City of Spanish Fort

             

The Alabama Department of Transportation is getting ready for the beginning of hurricane season on June first. Drivers in South Alabama will be seeing more workers along Interstate 65 tomorrow. 

Josh Phillips is a spokesman for the Alabama Department of Transportation. He says they will be conducting a drill to practice reversing the traffic flow between Mobile and Montgomery.

“It’s an exercise to help us prepare for an event that would cause an evacuation that we call contraflow we would take I-65 and use all lanes to flow northward away from the coast in the event of a hurricane or something like that.”

Traffic won't be affected, and drivers will stay in their normal lanes. But workers will do a dress rehearsal of the actions needed to make the southbound lanes flow northward.

A program is available to help people get a better understanding of Social Security.  The program is called “My Social Security.” It helps people of all ages get a better sense of how social security works. This program can help over 1 Million Alabamians understand what happens under Social Security if they’re retired, a survivor of a deceased worker, or if they suffer a severe and prolonged disability. BJ Jarrett is a spokesman for the Social Security Administration’s National Press Office. He says the program will make everyone’s life easier.

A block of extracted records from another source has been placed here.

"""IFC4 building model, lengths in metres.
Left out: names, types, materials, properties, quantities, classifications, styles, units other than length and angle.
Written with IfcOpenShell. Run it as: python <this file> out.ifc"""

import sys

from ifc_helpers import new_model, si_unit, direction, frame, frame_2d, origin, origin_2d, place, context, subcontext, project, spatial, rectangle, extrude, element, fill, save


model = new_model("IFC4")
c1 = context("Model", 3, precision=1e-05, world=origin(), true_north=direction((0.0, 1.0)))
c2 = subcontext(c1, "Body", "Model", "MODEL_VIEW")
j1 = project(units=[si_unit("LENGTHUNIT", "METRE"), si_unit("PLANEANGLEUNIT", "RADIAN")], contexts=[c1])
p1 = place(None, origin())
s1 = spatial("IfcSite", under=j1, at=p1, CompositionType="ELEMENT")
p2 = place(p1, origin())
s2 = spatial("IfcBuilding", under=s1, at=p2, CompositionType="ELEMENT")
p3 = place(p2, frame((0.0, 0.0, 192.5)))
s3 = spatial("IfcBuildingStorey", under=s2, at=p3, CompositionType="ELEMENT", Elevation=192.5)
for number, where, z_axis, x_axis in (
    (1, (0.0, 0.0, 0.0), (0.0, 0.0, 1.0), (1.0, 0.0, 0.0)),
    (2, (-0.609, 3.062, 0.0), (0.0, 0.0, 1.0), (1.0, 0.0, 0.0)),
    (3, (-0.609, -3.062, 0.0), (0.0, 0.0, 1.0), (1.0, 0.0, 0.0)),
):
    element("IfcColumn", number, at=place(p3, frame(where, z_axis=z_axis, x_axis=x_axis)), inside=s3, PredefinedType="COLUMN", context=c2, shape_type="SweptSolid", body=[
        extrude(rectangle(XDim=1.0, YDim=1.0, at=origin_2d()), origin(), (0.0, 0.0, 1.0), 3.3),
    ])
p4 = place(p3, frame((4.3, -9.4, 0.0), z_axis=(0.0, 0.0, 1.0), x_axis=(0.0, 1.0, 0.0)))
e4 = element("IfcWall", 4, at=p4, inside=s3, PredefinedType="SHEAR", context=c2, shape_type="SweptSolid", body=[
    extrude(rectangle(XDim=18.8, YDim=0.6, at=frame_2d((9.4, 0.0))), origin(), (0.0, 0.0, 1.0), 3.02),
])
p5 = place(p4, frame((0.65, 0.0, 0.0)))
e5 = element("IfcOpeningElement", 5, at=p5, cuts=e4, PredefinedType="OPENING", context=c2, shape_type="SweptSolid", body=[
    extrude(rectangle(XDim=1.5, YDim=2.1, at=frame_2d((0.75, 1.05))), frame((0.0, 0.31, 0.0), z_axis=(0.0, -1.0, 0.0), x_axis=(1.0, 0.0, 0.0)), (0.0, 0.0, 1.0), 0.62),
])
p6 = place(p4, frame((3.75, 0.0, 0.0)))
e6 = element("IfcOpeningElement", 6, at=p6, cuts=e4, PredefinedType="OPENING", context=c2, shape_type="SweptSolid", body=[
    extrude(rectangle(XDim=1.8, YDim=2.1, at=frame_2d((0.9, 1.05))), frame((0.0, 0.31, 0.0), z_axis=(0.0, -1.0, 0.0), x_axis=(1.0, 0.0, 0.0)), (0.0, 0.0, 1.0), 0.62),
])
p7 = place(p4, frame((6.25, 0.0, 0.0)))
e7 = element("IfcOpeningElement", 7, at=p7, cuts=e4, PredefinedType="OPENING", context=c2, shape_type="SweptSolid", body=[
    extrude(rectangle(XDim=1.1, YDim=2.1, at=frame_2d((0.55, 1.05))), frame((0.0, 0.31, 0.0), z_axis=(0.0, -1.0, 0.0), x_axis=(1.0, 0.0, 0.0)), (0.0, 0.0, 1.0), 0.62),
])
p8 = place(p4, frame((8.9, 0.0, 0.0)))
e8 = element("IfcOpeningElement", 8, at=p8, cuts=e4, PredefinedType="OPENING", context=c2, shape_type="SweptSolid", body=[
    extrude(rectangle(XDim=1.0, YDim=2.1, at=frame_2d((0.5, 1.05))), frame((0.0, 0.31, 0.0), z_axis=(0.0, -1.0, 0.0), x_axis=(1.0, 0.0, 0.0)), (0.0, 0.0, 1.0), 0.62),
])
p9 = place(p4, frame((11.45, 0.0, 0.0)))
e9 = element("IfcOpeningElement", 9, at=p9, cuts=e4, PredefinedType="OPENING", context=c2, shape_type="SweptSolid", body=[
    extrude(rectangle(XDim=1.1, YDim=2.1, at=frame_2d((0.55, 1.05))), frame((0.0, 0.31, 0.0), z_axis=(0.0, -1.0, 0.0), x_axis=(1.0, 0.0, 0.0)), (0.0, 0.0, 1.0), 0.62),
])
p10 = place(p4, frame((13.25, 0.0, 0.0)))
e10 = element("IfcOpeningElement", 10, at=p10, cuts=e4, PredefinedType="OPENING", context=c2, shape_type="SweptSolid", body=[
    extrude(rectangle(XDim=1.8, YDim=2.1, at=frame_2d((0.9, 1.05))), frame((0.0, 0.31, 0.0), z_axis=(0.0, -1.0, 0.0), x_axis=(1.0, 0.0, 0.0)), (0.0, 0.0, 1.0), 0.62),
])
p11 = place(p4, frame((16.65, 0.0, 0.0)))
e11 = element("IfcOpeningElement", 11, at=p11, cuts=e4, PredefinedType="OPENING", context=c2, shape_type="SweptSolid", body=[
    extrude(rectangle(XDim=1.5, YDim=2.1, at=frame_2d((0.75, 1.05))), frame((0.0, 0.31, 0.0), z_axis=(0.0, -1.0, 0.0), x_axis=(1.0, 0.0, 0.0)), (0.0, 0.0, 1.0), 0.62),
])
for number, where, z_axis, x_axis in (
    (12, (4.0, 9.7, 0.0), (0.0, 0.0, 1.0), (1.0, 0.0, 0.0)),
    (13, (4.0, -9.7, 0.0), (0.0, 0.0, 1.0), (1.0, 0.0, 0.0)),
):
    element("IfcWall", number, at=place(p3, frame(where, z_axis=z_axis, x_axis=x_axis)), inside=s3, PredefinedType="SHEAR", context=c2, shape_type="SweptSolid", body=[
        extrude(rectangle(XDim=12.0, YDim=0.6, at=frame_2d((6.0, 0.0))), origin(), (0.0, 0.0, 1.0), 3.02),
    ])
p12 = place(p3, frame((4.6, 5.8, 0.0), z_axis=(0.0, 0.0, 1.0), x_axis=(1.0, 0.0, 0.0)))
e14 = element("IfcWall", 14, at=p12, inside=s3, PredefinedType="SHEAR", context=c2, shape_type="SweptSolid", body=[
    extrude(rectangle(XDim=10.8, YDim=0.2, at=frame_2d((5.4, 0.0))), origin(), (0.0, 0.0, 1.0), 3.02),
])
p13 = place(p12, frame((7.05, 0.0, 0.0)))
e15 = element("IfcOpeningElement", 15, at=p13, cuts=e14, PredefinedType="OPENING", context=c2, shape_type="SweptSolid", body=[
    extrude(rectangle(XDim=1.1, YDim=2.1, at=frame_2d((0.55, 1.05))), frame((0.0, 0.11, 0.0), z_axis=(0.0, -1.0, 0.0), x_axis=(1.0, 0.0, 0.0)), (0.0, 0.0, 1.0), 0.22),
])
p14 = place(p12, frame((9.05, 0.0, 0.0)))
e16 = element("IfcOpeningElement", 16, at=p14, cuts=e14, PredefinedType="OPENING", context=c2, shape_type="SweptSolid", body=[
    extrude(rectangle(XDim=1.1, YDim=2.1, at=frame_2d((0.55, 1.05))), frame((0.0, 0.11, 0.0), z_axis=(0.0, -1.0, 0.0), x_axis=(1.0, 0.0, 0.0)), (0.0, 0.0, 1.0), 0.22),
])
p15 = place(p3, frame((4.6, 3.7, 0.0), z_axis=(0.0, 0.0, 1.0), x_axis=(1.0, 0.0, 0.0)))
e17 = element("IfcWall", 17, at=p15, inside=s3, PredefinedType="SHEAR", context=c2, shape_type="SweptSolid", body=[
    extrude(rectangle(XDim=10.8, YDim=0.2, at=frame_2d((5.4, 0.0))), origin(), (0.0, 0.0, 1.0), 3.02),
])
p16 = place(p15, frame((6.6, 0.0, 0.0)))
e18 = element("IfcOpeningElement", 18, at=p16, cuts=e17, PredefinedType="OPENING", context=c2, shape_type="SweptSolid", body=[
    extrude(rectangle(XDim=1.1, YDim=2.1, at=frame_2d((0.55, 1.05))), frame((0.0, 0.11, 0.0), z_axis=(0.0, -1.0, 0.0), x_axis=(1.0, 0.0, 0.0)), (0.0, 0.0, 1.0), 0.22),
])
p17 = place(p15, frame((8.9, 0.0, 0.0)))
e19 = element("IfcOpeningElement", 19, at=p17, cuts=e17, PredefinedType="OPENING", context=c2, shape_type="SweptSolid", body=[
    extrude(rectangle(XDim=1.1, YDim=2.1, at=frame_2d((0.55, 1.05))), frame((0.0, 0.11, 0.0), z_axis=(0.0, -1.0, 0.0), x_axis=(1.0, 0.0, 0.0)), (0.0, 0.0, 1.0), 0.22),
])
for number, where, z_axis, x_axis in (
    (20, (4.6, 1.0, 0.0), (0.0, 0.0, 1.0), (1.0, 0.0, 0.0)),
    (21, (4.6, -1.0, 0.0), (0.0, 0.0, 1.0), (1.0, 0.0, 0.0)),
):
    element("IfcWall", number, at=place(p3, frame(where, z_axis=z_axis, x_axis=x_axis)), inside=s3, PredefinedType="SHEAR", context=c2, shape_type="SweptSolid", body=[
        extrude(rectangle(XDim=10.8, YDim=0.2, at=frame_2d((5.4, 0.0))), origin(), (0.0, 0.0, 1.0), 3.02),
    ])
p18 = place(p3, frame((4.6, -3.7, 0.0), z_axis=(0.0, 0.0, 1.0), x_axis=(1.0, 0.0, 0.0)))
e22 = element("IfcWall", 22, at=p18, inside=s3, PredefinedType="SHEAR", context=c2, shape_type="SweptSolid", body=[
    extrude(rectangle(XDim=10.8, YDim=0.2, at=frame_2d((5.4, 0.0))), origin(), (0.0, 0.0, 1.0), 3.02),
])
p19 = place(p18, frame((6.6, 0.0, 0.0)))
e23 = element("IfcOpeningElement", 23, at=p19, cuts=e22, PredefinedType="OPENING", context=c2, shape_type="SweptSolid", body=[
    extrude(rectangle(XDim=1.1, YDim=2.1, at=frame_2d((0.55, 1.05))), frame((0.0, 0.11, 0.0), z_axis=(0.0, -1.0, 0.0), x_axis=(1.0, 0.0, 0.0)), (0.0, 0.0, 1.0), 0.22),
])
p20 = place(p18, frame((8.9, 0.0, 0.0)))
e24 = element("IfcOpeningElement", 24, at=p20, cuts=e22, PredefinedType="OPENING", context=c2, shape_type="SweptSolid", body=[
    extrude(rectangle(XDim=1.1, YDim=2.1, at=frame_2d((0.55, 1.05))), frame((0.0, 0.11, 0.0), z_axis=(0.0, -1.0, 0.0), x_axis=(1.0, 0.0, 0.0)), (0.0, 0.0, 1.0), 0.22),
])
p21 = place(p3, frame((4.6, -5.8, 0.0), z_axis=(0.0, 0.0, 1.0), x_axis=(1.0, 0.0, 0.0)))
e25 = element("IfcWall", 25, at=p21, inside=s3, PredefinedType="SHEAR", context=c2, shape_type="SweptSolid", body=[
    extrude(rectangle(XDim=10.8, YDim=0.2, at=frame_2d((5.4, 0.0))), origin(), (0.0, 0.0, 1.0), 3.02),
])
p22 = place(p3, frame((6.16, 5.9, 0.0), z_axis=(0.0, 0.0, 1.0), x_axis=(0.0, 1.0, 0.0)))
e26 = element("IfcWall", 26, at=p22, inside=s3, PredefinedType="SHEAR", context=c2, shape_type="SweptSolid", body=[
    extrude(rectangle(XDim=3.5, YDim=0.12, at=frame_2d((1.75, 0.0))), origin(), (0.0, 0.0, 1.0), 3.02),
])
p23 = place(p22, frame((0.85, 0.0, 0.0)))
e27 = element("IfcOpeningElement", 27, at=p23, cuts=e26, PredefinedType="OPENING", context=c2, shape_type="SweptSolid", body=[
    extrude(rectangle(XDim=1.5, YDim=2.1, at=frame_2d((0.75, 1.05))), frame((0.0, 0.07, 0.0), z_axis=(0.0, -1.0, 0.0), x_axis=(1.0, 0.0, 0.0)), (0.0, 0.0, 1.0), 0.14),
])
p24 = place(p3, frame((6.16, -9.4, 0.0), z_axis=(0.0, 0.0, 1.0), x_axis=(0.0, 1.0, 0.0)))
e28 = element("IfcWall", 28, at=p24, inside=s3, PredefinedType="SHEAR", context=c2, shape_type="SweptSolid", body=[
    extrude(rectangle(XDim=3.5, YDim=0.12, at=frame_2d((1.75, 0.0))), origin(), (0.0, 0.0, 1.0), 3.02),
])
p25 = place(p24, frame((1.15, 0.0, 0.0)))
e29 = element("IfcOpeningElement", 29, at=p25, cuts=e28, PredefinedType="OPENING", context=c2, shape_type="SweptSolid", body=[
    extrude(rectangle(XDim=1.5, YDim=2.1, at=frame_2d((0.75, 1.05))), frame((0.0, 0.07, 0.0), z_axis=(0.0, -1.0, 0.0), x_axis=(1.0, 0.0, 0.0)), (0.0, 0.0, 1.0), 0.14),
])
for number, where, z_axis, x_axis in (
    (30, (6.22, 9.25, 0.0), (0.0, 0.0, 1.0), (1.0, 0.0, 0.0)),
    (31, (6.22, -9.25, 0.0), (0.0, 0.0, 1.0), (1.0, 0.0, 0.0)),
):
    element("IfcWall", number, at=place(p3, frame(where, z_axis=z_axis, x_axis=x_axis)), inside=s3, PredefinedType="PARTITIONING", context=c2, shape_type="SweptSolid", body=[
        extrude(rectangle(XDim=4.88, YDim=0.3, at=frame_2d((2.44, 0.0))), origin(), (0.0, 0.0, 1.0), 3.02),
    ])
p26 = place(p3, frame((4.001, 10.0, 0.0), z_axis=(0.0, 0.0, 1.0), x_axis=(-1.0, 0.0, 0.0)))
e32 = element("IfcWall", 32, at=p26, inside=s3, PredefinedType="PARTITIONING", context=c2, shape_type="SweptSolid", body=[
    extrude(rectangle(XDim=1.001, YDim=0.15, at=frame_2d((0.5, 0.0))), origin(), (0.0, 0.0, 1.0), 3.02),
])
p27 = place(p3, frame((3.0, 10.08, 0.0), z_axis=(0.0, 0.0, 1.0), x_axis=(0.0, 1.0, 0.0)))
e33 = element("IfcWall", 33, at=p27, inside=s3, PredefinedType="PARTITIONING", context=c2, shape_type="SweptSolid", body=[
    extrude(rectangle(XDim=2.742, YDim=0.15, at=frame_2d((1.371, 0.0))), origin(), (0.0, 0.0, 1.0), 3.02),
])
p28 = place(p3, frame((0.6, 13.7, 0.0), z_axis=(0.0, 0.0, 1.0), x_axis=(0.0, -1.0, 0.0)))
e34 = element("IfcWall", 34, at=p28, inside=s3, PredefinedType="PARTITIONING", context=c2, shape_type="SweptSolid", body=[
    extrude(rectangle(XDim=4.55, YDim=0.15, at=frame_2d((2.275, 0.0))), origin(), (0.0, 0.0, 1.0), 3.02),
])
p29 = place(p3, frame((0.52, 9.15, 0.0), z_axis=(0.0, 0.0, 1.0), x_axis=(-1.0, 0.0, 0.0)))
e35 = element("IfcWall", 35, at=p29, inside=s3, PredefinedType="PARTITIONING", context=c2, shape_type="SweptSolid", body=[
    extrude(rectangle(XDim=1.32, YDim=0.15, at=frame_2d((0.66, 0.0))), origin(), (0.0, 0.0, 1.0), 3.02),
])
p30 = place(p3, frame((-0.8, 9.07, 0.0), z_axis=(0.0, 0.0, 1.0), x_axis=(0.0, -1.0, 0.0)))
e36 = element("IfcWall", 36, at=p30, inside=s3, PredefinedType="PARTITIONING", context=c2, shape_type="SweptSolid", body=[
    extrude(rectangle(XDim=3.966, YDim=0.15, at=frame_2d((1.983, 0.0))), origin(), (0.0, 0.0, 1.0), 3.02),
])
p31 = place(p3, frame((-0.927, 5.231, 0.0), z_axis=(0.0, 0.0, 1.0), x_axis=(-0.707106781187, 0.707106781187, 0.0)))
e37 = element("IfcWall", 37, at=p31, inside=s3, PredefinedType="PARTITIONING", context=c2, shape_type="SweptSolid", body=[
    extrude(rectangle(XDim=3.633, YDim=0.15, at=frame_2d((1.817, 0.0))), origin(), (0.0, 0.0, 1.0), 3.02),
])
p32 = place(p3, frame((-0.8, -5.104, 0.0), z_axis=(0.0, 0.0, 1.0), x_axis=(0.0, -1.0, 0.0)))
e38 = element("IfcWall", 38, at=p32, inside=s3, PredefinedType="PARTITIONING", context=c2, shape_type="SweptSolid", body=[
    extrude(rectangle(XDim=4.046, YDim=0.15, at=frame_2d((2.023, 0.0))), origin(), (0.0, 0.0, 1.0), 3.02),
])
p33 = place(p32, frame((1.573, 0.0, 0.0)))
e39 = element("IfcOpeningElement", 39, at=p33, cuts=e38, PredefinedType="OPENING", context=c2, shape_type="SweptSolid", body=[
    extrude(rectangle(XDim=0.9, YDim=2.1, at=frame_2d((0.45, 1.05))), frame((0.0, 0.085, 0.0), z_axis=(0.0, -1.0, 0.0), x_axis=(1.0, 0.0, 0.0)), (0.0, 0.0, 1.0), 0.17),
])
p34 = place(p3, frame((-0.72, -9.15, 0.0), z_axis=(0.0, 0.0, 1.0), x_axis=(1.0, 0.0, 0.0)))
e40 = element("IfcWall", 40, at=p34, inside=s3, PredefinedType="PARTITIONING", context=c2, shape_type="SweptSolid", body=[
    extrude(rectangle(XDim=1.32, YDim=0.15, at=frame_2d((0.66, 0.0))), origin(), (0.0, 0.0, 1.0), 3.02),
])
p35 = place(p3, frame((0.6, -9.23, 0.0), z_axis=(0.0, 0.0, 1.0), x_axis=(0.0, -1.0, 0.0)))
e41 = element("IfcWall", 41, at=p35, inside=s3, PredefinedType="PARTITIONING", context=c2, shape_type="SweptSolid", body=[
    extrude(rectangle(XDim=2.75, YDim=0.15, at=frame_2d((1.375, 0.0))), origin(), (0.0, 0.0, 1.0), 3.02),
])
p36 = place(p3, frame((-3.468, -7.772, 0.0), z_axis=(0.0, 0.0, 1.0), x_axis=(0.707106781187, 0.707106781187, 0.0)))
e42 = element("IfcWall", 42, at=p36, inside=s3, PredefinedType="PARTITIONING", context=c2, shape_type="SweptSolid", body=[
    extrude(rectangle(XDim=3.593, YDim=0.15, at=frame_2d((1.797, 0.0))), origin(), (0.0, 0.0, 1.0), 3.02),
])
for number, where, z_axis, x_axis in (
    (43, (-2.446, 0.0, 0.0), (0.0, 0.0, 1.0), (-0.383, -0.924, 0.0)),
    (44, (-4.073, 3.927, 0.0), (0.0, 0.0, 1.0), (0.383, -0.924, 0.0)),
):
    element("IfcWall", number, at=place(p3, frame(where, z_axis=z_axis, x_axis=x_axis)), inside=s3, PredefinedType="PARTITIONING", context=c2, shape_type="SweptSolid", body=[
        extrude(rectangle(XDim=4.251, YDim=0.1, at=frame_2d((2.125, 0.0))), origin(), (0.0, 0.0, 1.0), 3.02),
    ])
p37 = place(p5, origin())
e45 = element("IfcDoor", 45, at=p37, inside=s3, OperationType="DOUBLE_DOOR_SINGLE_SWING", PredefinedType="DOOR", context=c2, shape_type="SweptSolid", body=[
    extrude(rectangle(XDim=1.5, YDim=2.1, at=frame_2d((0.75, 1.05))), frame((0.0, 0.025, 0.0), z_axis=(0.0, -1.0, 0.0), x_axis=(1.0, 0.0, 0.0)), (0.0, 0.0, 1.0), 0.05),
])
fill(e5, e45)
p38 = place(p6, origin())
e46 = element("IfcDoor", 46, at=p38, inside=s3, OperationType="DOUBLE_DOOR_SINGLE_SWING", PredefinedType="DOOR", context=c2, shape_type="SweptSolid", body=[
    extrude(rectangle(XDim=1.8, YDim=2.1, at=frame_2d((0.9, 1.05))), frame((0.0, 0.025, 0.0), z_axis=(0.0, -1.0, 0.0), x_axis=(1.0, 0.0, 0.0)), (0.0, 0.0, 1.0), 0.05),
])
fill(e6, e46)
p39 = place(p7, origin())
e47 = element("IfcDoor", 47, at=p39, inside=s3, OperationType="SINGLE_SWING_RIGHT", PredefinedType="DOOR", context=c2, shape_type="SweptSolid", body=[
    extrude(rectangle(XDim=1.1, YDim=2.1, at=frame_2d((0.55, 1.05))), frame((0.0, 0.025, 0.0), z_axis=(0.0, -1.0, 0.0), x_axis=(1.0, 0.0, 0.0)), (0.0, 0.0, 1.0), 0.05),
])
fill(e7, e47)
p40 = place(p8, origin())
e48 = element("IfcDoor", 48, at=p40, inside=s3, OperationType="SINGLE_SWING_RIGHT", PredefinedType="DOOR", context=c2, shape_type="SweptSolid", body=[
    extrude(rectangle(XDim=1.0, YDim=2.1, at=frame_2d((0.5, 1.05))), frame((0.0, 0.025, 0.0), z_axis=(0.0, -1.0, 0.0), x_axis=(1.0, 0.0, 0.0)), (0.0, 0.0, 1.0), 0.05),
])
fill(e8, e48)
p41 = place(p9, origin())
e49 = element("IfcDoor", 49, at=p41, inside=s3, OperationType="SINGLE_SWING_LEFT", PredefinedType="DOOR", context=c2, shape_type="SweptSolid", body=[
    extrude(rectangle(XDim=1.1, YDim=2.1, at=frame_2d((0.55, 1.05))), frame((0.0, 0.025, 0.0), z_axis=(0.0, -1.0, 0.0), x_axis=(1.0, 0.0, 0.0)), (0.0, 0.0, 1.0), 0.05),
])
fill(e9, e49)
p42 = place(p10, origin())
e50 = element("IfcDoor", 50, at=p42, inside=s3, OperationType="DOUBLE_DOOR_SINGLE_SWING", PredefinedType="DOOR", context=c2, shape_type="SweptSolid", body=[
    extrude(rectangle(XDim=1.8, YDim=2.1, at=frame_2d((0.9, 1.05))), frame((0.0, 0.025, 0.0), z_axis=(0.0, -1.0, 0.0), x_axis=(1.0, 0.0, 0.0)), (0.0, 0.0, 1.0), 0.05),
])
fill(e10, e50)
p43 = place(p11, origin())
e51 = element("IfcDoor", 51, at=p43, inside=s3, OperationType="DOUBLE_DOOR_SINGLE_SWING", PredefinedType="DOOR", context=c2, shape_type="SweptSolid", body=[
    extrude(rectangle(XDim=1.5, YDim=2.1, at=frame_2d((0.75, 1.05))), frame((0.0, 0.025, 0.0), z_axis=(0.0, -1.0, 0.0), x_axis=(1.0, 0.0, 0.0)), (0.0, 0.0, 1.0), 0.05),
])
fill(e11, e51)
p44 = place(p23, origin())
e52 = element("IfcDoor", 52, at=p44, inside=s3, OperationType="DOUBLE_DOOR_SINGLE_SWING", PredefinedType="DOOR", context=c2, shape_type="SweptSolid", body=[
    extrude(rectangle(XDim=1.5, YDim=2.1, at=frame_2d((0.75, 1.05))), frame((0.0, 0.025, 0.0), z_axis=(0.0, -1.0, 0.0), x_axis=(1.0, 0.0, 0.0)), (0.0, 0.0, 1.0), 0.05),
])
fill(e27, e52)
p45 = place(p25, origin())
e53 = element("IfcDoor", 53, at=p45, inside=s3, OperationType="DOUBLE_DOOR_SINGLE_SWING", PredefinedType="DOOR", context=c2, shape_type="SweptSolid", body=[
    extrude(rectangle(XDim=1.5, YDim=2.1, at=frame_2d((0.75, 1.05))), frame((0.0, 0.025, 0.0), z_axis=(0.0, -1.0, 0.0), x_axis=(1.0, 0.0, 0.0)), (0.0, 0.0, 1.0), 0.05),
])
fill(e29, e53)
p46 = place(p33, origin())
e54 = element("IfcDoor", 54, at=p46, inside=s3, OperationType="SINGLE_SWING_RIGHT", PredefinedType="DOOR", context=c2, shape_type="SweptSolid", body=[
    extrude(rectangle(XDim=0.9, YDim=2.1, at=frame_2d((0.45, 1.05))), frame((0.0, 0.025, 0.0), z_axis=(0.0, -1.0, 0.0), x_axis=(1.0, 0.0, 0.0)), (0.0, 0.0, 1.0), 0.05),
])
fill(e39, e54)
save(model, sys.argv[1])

“It is important for us that we try and meet people in the way they want to do business with us. Obviously more and more people are going online more and more seniors are going online today than ever before so we want to give them that flexibility to be able to do business with us that way.”

Jarrett added people of all ages should be aware of all the things Social Security has to offer.

A federal appeals court is ordering a new hearing for an Alabama man sentenced to die for a double murder in Birmingham.

The 11th U.S. Circuit Court of Appeals ruled Monday that trial attorneys didn't show jurors enough evidence about Renard Marcel Daniel's horrible childhood.

Daniel's conviction stands in the shootings of John Brodie and Loretta McCulloch in 2001. But judges say the 41-year-old Daniel should get a hearing about his sentence.

The court says defense lawyers didn't show jurors sufficient evidence about a childhood the judges called "nightmarish."

The opinion says Daniel was 3 when his mother killed his father with a shotgun, and he was later subjected to other forms of abuse.